Distinctions in substrate recognition profiles follow MMP phylogeny. (A) Sequence logos (37) were generated for phage substrates cleaved equally well by the entire set of MMPs (Common) and those selective for individual subfamilies (MT-MMPs, gelatinases, and GPI-anchored MMPs). The height and vertical position of each letter is proportional to the frequency of occurrence of amino acid residues at each position of substrates from P5 to P2′. (B) The contribution of individual subsites to substrate recognition by the test MMPs was determined based on sequence–activity correlation coefficient (SACC) (see SI Materials and Methods for equations) values calculated using k_(obs) data obtained for each MMP against 1,369 phage substrates. SACC ranges from 0 (low) to 1 (high). (C) Heat maps of residue preference (RP) (described in SI Materials and Methods) show how individual residues at specific positions from P5 to P2′ influence k_(obs). The heat map was generated by hierarchical clustering. RP ranges from 0 (low) to 2 (high).

Fig. 3.

Sequence phylogeny of the variable regions of the front face of the catalytic cleft of MMPs directly correlates with functional phylogeny. The degree of sequence identity vs. HR—the pairwise hydrolysis correlation coefficient [defined as Pearson correlation coefficients of k_(obs) values]—was plotted for each pair of MMPs using the sequence of the whole catalytic domain (A), 50–57 variable residues on the binding face of the catalytic domain (red) (B), and the entire catalytic domain exclusive of the areas identified in B (blue) (C).

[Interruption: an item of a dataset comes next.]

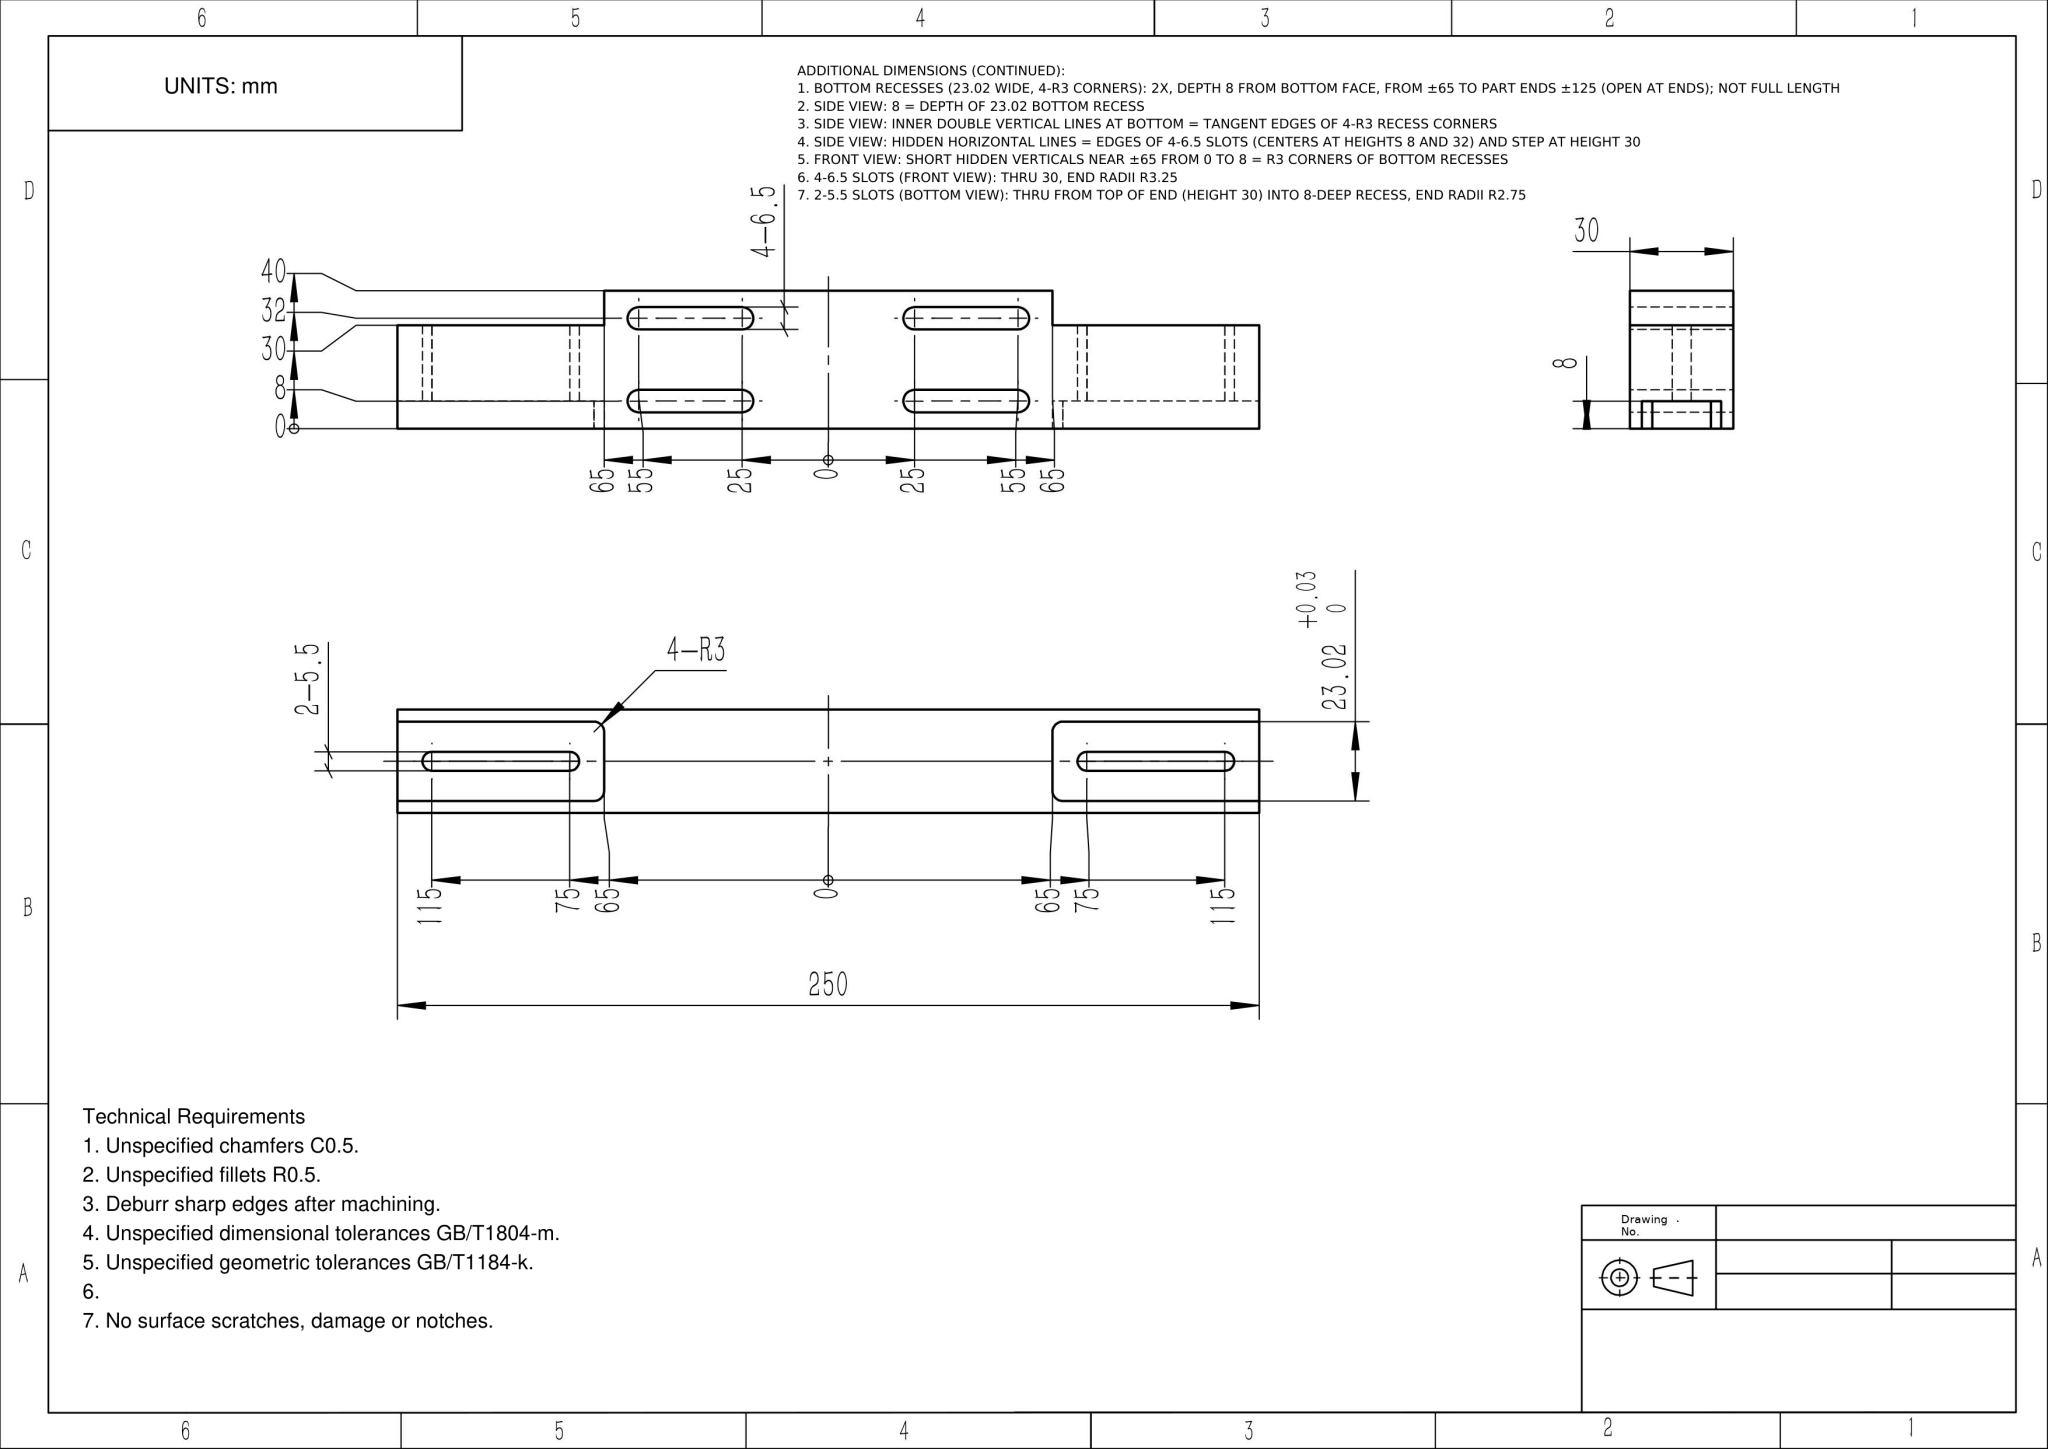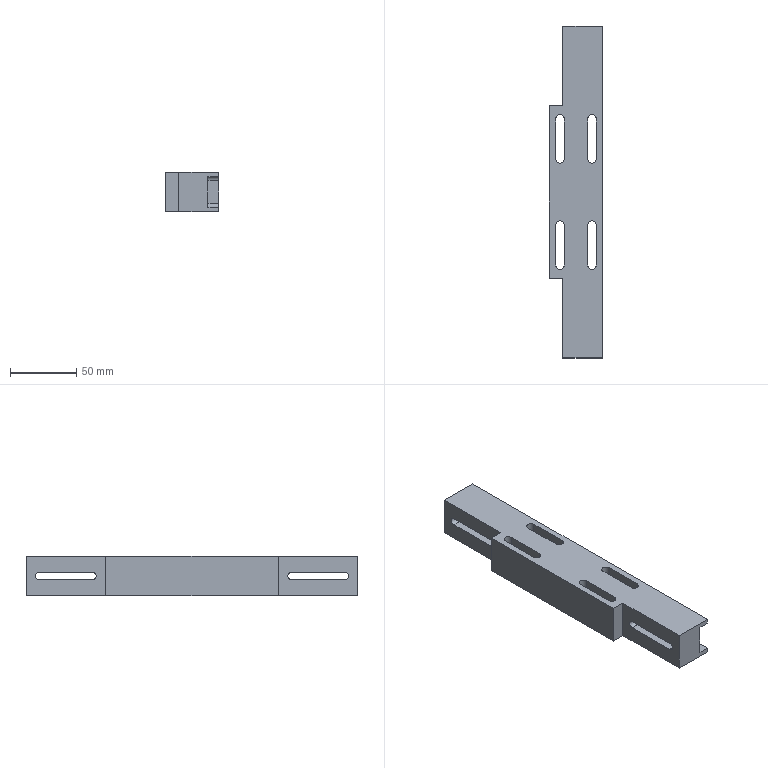Part | NX | mm | 1 solid | 46 faces | box 40 x 250 x 30 mm | volume 203855 mm3 | plane 30 | cylinder 16 | commonest cylinder face diameters 6.5 x8 5.5 x4 6 x4

Equations describing individual correlations are shown above each plot. The green spheres in structures represent calcium ions, and the gray ones, zinc ions.

Fig. 4.

SDPs of the MMP catalytic domains are located in the variable surface loops. (A) Sequences of catalytic domains of human MMPs were aligned using JalView and variable residues in the surface loop regions surrounding the catalytic cleft were identified using sequence variability at each position, along with existing structural information or structural models as described in Materials and Methods. The colored regions correspond to the residues comprising the SDPs. Location of the residues relative to the catalytic cleft surface loops is indicated by brackets below the alignment. (B) Localization of the SDPs in 3D space is marked in red on a ribbon diagram of MMP-2.

Fig. 5.

Swapping dominant SDPs transmutes selectivity of MMP-16 into that of MMP-17. (A) Structures of the catalytic domain of MMP-16 (Left) and MMP-17 (Right) with optimal peptide substrates (acetyl-Leu-Val-Pro-Arg-His↓Leu-Phe-Ala-Ser-Gly-N-methyl and acetyl-Arg-Val-Val-Met-Arg↓Leu-Val-Leu-Ser-Gly-N-methyl, respectively) docked into the active site groove as described in Materials and Methods. Regions of the catalytic domains that are SDPs are colored light blue or purple if they were chosen for mutation. The substrate side chains are colored to indicate the SACC score for the corresponding positions in the catalytic cleft (S3–S1). So residues in darker red are at substrate positions with high SACC scores (Fig. 2B), and lighter red indicates residues at positions with lower SACC scores. The remainder of the docked substrate (outside of S3–S1) is colored dark gray. (B) The effect of the transmutation on substrate selectivity was determined using ∼140 phage substrates about one-half of which were selective for each protease. The k_(obs) for each substrate was measured as described in Materials and Methods. Error bars represent SEMs. (C) Sequence logos indicating the frequency of residues at each position calculated for substrates selective for MMP-16 (Left) and those preferentially cleaved by the 16/17 transmutant and MMP-17 (Right).